Por Daiana Santos, sanitarista e educadora social
No município de Porto Alegre, no que diz respeito ao investimento (ou à falta dele) à população em situação de rua, percebemos a disparidade entre a demanda real existente e a oferta de vagas disponibilizada. O número de pessoas em situação de rua é maior do que o número de vagas em espaços de proteção, bem como em projetos que possuem inclusive sua continuidade questionável, como é caso do aluguel social, que muitas vezes teve o pagamento às famílias interrompido. Entendo que as políticas públicas existentes não dão conta da complexidade e das especificidades dessa população. População essa que possui em seu histórico de vida o desamparo, tendo como consequência marcas importantes nas relações sociais, como a invisibilidade e o desvalor pela sociedade.

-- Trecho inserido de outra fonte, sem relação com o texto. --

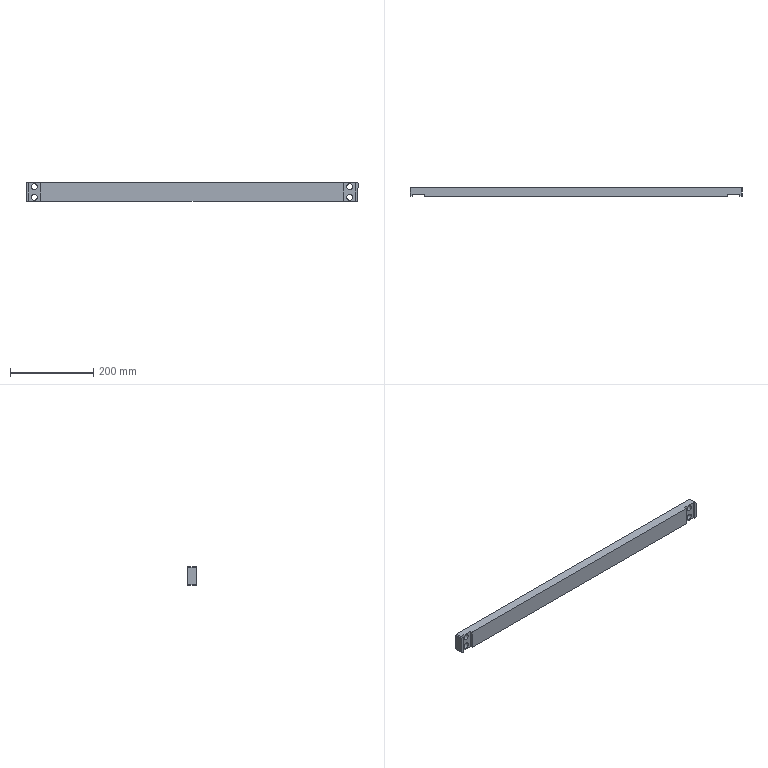Component | SolidWorks | FE5-217--p_O-1 | 1 solid | 26 faces | box 798 x 21 x 45 mm | volume 730590 mm3 | plane 18 | cylinder 8 | commonest cylinder face diameters 14 x8
build123d program:
from build123d import *

# Parameters (mm, degrees)
SKETCH1_W      = 798
SKETCH1_H      = 45
EXTRUDE1_DEPTH = 21
SKETCH2_W      = 30
SKETCH2_H      = 45
EXTRUDE2_DEPTH = 5
SKETCH3_R      = 7
EXTRUDE3_DEPTH = 401.185
CHAMFER1_SIZE  = 2


with BuildPart() as part:
    # Sketch1 → Extrude1 (new body)
    with BuildSketch(Plane(origin=(0, 0, 0), x_dir=(1, 0, 0), z_dir=(0, 1, 0))):
        Rectangle(SKETCH1_W, SKETCH1_H)
    extrude(amount=EXTRUDE1_DEPTH)

    # Sketch2 → Extrude2 (cut)
    with BuildSketch(Plane(origin=(0, 21, 0), x_dir=(1, 0, 0), z_dir=(0, 1, 0))):
        with Locations((379, 0)):
            Rectangle(SKETCH2_W, SKETCH2_H)
        with Locations((-379, 0)):
            Rectangle(SKETCH2_W, SKETCH2_H)
    extrude(amount=-EXTRUDE2_DEPTH, mode=Mode.SUBTRACT)

    # Sketch3 → Extrude3 (cut, through all)
    with BuildSketch(Plane(origin=(0, 21, 0), x_dir=(1, 0, 0), z_dir=(0, 1, 0))):
        with Locations(Location((379, 12.5, 0), (0, 0, 270))):
            Circle(SKETCH3_R)
        with Locations(Location((379, -12.5, 0), (0, 0, 270))):
            Circle(SKETCH3_R)
        with Locations(Location((-379, -12.5, 0), (0, 0, 270))):
            Circle(SKETCH3_R)
        with Locations(Location((-379, 12.5, 0), (0, 0, 270))):
            Circle(SKETCH3_R)
    extrude(amount=-EXTRUDE3_DEPTH, mode=Mode.SUBTRACT)

    # Chamfer1
    chamfer1_edges = [part.edges().sort_by_distance(p)[0] for p in [
        (-399, 10.5, -22.5),
        (399, 10.5, -22.5),
        (399, 10.5, 22.5),
        (-399, 10.5, 22.5),
    ]]
    chamfer(chamfer1_edges, length=CHAMFER1_SIZE)


solid = part.part

# Placed as in the assembly
solid = solid.moved(Location((-379, 125.5, -222.5), (180, 0, 0)))
STEP:
#1=CARTESIAN_POINT('',(-29.843,4.941,-7.992));
#2=VERTEX_POINT('',#1);
#3=CARTESIAN_POINT('',(-29.843,4.941,-8.543));
#4=VERTEX_POINT('',#3);
#5=CARTESIAN_POINT('',(-29.843,4.941,-8.268));
#6=DIRECTION('',(0.,-1.,0.));
#7=DIRECTION('',(0.,0.,1.));
#8=AXIS2_PLACEMENT_3D('',#5,#6,#7);
#9=CIRCLE('',#8,0.2756);
#10=EDGE_CURVE('',#2,#4,#9,.T.);
#11=ORIENTED_EDGE('',*,*,#10,.F.);
#12=CARTESIAN_POINT('',(-29.843,4.311,-7.992));
#13=VERTEX_POINT('',#12);
#14=CARTESIAN_POINT('',(-29.843,4.941,-7.992));
#15=DIRECTION('',(0.,-1.,0.));
#16=VECTOR('',#15,39.37);
#17=LINE('',#14,#16);
#18=EDGE_CURVE('',#2,#13,#17,.T.);
#19=ORIENTED_EDGE('',*,*,#18,.T.);
#20=CARTESIAN_POINT('',(-29.843,4.311,-8.543));
#21=VERTEX_POINT('',#20);
#22=CARTESIAN_POINT('',(-29.843,4.311,-8.268));
#23=DIRECTION('',(0.,-1.,0.));
#24=DIRECTION('',(0.,0.,-1.));
#25=AXIS2_PLACEMENT_3D('',#22,#23,#24);
#26=CIRCLE('',#25,0.2756);
#27=EDGE_CURVE('',#13,#21,#26,.T.);
#28=ORIENTED_EDGE('',*,*,#27,.T.);
#29=CARTESIAN_POINT('',(-29.843,4.941,-8.543));
#30=DIRECTION('',(0.,-1.,0.));
#31=VECTOR('',#30,39.37);
#32=LINE('',#29,#31);
#33=EDGE_CURVE('',#4,#21,#32,.T.);
#34=ORIENTED_EDGE('',*,*,#33,.F.);
#35=EDGE_LOOP('',(#11,#19,#28,#34));
#36=FACE_OUTER_BOUND('',#35,.T.);
#37=CARTESIAN_POINT('',(-29.843,4.941,-8.268));
#38=DIRECTION('',(0.,-1.,0.));
#39=DIRECTION('',(0.,0.,-1.));
#40=AXIS2_PLACEMENT_3D('',#37,#38,#39);
#41=CYLINDRICAL_SURFACE('',#40,0.2756);
#42=ADVANCED_FACE('',(#36),#41,.F.);
#43=CARTESIAN_POINT('',(-29.843,4.941,-8.976));
#44=VERTEX_POINT('',#43);
#45=CARTESIAN_POINT('',(-29.843,4.941,-9.528));
#46=VERTEX_POINT('',#45);
#47=CARTESIAN_POINT('',(-29.843,4.941,-9.252));
#48=DIRECTION('',(0.,-1.,0.));
#49=DIRECTION('',(0.,0.,-1.));
#50=AXIS2_PLACEMENT_3D('',#47,#48,#49);
#51=CIRCLE('',#50,0.2756);
#52=EDGE_CURVE('',#44,#46,#51,.T.);
#53=ORIENTED_EDGE('',*,*,#52,.F.);
#54=CARTESIAN_POINT('',(-29.843,4.311,-8.976));
#55=VERTEX_POINT('',#54);
#56=CARTESIAN_POINT('',(-29.843,4.941,-8.976));
#57=DIRECTION('',(0.,-1.,0.));
#58=VECTOR('',#57,39.37);
#59=LINE('',#56,#58);
#60=EDGE_CURVE('',#44,#55,#59,.T.);
#61=ORIENTED_EDGE('',*,*,#60,.T.);
#62=CARTESIAN_POINT('',(-29.843,4.311,-9.528));
#63=VERTEX_POINT('',#62);
#64=CARTESIAN_POINT('',(-29.843,4.311,-9.252));
#65=DIRECTION('',(0.,-1.,0.));
#66=DIRECTION('',(0.,0.,-1.));
#67=AXIS2_PLACEMENT_3D('',#64,#65,#66);
#68=CIRCLE('',#67,0.2756);
#69=EDGE_CURVE('',#55,#63,#68,.T.);
#70=ORIENTED_EDGE('',*,*,#69,.T.);
#71=CARTESIAN_POINT('',(-29.843,4.941,-9.528));
#72=DIRECTION('',(0.,-1.,0.));
#73=VECTOR('',#72,39.37);
#74=LINE('',#71,#73);
#75=EDGE_CURVE('',#46,#63,#74,.T.);
#76=ORIENTED_EDGE('',*,*,#75,.F.);
#77=EDGE_LOOP('',(#53,#61,#70,#76));
#78=FACE_OUTER_BOUND('',#77,.T.);
#79=CARTESIAN_POINT('',(-29.843,4.941,-9.252));
#80=DIRECTION('',(0.,-1.,0.));
#81=DIRECTION('',(0.,0.,-1.));
#82=AXIS2_PLACEMENT_3D('',#79,#80,#81);
#83=CYLINDRICAL_SURFACE('',#82,0.2756);
#84=ADVANCED_FACE('',(#78),#83,.F.);
#85=CARTESIAN_POINT('',(-0.,4.941,-8.976));
#86=VERTEX_POINT('',#85);
#87=CARTESIAN_POINT('',(-0.,4.941,-9.528));
#88=VERTEX_POINT('',#87);
#89=CARTESIAN_POINT('',(-0.,4.941,-9.252));
#90=DIRECTION('',(0.,-1.,0.));
#91=DIRECTION('',(0.,0.,1.));
#92=AXIS2_PLACEMENT_3D('',#89,#90,#91);
#93=CIRCLE('',#92,0.2756);
#94=EDGE_CURVE('',#86,#88,#93,.T.);
#95=ORIENTED_EDGE('',*,*,#94,.F.);
#96=CARTESIAN_POINT('',(-0.,4.311,-8.976));
#97=VERTEX_POINT('',#96);
#98=CARTESIAN_POINT('',(-0.,4.941,-8.976));
#99=DIRECTION('',(0.,-1.,0.));
#100=VECTOR('',#99,39.37);
#101=LINE('',#98,#100);
#102=EDGE_CURVE('',#86,#97,#101,.T.);
#103=ORIENTED_EDGE('',*,*,#102,.T.);
#104=CARTESIAN_POINT('',(-0.,4.311,-9.528));
#105=VERTEX_POINT('',#104);
#106=CARTESIAN_POINT('',(-0.,4.311,-9.252));
#107=DIRECTION('',(0.,-1.,0.));
#108=DIRECTION('',(-0.,0.,-1.));
#109=AXIS2_PLACEMENT_3D('',#106,#107,#108);
#110=CIRCLE('',#109,0.2756);
#111=EDGE_CURVE('',#97,#105,#110,.T.);
#112=ORIENTED_EDGE('',*,*,#111,.T.);
#113=CARTESIAN_POINT('',(-0.,4.941,-9.528));
#114=DIRECTION('',(0.,-1.,0.));
#115=VECTOR('',#114,39.37);
#116=LINE('',#113,#115);
#117=EDGE_CURVE('',#88,#105,#116,.T.);
#118=ORIENTED_EDGE('',*,*,#117,.F.);
#119=EDGE_LOOP('',(#95,#103,#112,#118));
#120=FACE_OUTER_BOUND('',#119,.T.);
#121=CARTESIAN_POINT('',(-0.,4.941,-9.252));
#122=DIRECTION('',(0.,-1.,0.));
#123=DIRECTION('',(-0.,0.,-1.));
#124=AXIS2_PLACEMENT_3D('',#121,#122,#123);
#125=CYLINDRICAL_SURFACE('',#124,0.2756);
#126=ADVANCED_FACE('',(#120),#125,.F.);
#127=CARTESIAN_POINT('',(-0.,4.941,-7.992));
#128=VERTEX_POINT('',#127);
#129=CARTESIAN_POINT('',(-0.,4.941,-8.543));
#130=VERTEX_POINT('',#129);
#131=CARTESIAN_POINT('',(-0.,4.941,-8.268));
#132=DIRECTION('',(0.,-1.,0.));
#133=DIRECTION('',(-0.,0.,-1.));
#134=AXIS2_PLACEMENT_3D('',#131,#132,#133);
#135=CIRCLE('',#134,0.2756);
#136=EDGE_CURVE('',#128,#130,#135,.T.);
#137=ORIENTED_EDGE('',*,*,#136,.F.);
#138=CARTESIAN_POINT('',(-0.,4.311,-7.992));
#139=VERTEX_POINT('',#138);
#140=CARTESIAN_POINT('',(-0.,4.941,-7.992));
#141=DIRECTION('',(0.,-1.,0.));
#142=VECTOR('',#141,39.37);
#143=LINE('',#140,#142);
#144=EDGE_CURVE('',#128,#139,#143,.T.);
#145=ORIENTED_EDGE('',*,*,#144,.T.);
#146=CARTESIAN_POINT('',(-0.,4.311,-8.543));
#147=VERTEX_POINT('',#146);
#148=CARTESIAN_POINT('',(-0.,4.311,-8.268));
#149=DIRECTION('',(0.,-1.,0.));
#150=DIRECTION('',(-0.,0.,-1.));
#151=AXIS2_PLACEMENT_3D('',#148,#149,#150);
#152=CIRCLE('',#151,0.2756);
#153=EDGE_CURVE('',#139,#147,#152,.T.);
#154=ORIENTED_EDGE('',*,*,#153,.T.);
#155=CARTESIAN_POINT('',(-0.,4.941,-8.543));
#156=DIRECTION('',(0.,-1.,0.));
#157=VECTOR('',#156,39.37);
#158=LINE('',#155,#157);
#159=EDGE_CURVE('',#130,#147,#158,.T.);
#160=ORIENTED_EDGE('',*,*,#159,.F.);
#161=EDGE_LOOP('',(#137,#145,#154,#160));
#162=FACE_OUTER_BOUND('',#161,.T.);
#163=CARTESIAN_POINT('',(-0.,4.941,-8.268));
#164=DIRECTION('',(0.,-1.,0.));
#165=DIRECTION('',(-0.,0.,-1.));
#166=AXIS2_PLACEMENT_3D('',#163,#164,#165);
#167=CYLINDRICAL_SURFACE('',#166,0.2756);
#168=ADVANCED_FACE('',(#162),#167,.F.);
#169=CARTESIAN_POINT('',(-29.252,4.114,-9.646));
#170=VERTEX_POINT('',#169);
#171=CARTESIAN_POINT('',(-29.252,4.114,-7.874));
#172=VERTEX_POINT('',#171);
#173=CARTESIAN_POINT('',(-29.252,4.114,-7.874));
#174=DIRECTION('',(0.,0.,1.));
#175=VECTOR('',#174,39.37);
#176=LINE('',#173,#175);
#177=EDGE_CURVE('',#170,#172,#176,.T.);
#178=ORIENTED_EDGE('',*,*,#177,.F.);
#179=CARTESIAN_POINT('',(-0.5906,4.114,-9.646));
#180=VERTEX_POINT('',#179);
#181=CARTESIAN_POINT('',(0.7874,4.114,-9.646));
#182=DIRECTION('',(1.,0.,-0.));
#183=VECTOR('',#182,39.37);
#184=LINE('',#181,#183);
#185=EDGE_CURVE('',#170,#180,#184,.T.);
#186=ORIENTED_EDGE('',*,*,#185,.T.);
#187=CARTESIAN_POINT('',(-0.5906,4.114,-7.874));
#188=VERTEX_POINT('',#187);
#189=CARTESIAN_POINT('',(-0.5906,4.114,-7.874));
#190=DIRECTION('',(-0.,0.,-1.));
#191=VECTOR('',#190,39.37);
#192=LINE('',#189,#191);
#193=EDGE_CURVE('',#188,#180,#192,.T.);
#194=ORIENTED_EDGE('',*,*,#193,.F.);
#195=CARTESIAN_POINT('',(0.7874,4.114,-7.874));
#196=DIRECTION('',(-1.,0.,0.));
#197=VECTOR('',#196,39.37);
#198=LINE('',#195,#197);
#199=EDGE_CURVE('',#188,#172,#198,.T.);
#200=ORIENTED_EDGE('',*,*,#199,.T.);
#201=EDGE_LOOP('',(#178,#186,#194,#200));
#202=FACE_OUTER_BOUND('',#201,.T.);
#203=CARTESIAN_POINT('',(-30.63,4.114,-7.874));
#204=DIRECTION('',(0.,-1.,0.));
#205=DIRECTION('',(-0.,0.,-1.));
#206=AXIS2_PLACEMENT_3D('',#203,#204,#205);
#207=PLANE('',#206);
#208=ADVANCED_FACE('',(#202),#207,.T.);
#209=CARTESIAN_POINT('',(-30.433,4.114,-7.874));
#210=VERTEX_POINT('',#209);
#211=CARTESIAN_POINT('',(-30.551,4.114,-7.874));
#212=VERTEX_POINT('',#211);
#213=CARTESIAN_POINT('',(0.7874,4.114,-7.874));
#214=DIRECTION('',(-1.,0.,0.));
#215=VECTOR('',#214,39.37);
#216=LINE('',#213,#215);
#217=EDGE_CURVE('',#210,#212,#216,.T.);
#218=ORIENTED_EDGE('',*,*,#217,.T.);
#219=CARTESIAN_POINT('',(-30.63,4.114,-7.953));
#220=VERTEX_POINT('',#219);
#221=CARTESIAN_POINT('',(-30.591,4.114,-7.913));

Qual é o lugar reservado para essas pessoas? Como você reage ao ver pessoas dormindo no chão? Se sente ameaçado ou incomodado ao vê-los ocupando espaços públicos, abertos e teoricamente disponíveis para todos? Penso que as soluções urbanas também devem pensar nessa população e não em sua higienização, uma arquitetura hostil que nega espaços, humilha e é seletiva.
Precisamos romper com o preconceito e compreender que essa população é o reflexo das políticas pensadas em prol do sistema capitalista e excludente que desestrutura e não oferta oportunidades, o que ao longo dos anos só agrava a situação de pobreza e de vulnerabilidade. Além disso, é essencial considerar que as ruas desta cidade têm cor: ela é preta! Analisando que a abolição da escravatura é recente e deixou marcas, o fato de uma maioria negra viver nas ruas é um reflexo importante desse período e reconhecer que tal processo reverbera até os dias de hoje é fundamental.
Nunca entendi quais critérios são utilizados para que algumas vidas sejam priorizadas. A verdade é que, enquanto uns leem o jornal, outros se cobrem com ele e se alimentam do pouco, dos restos de uma sociedade que tudo justifica com a falácia meritocrática.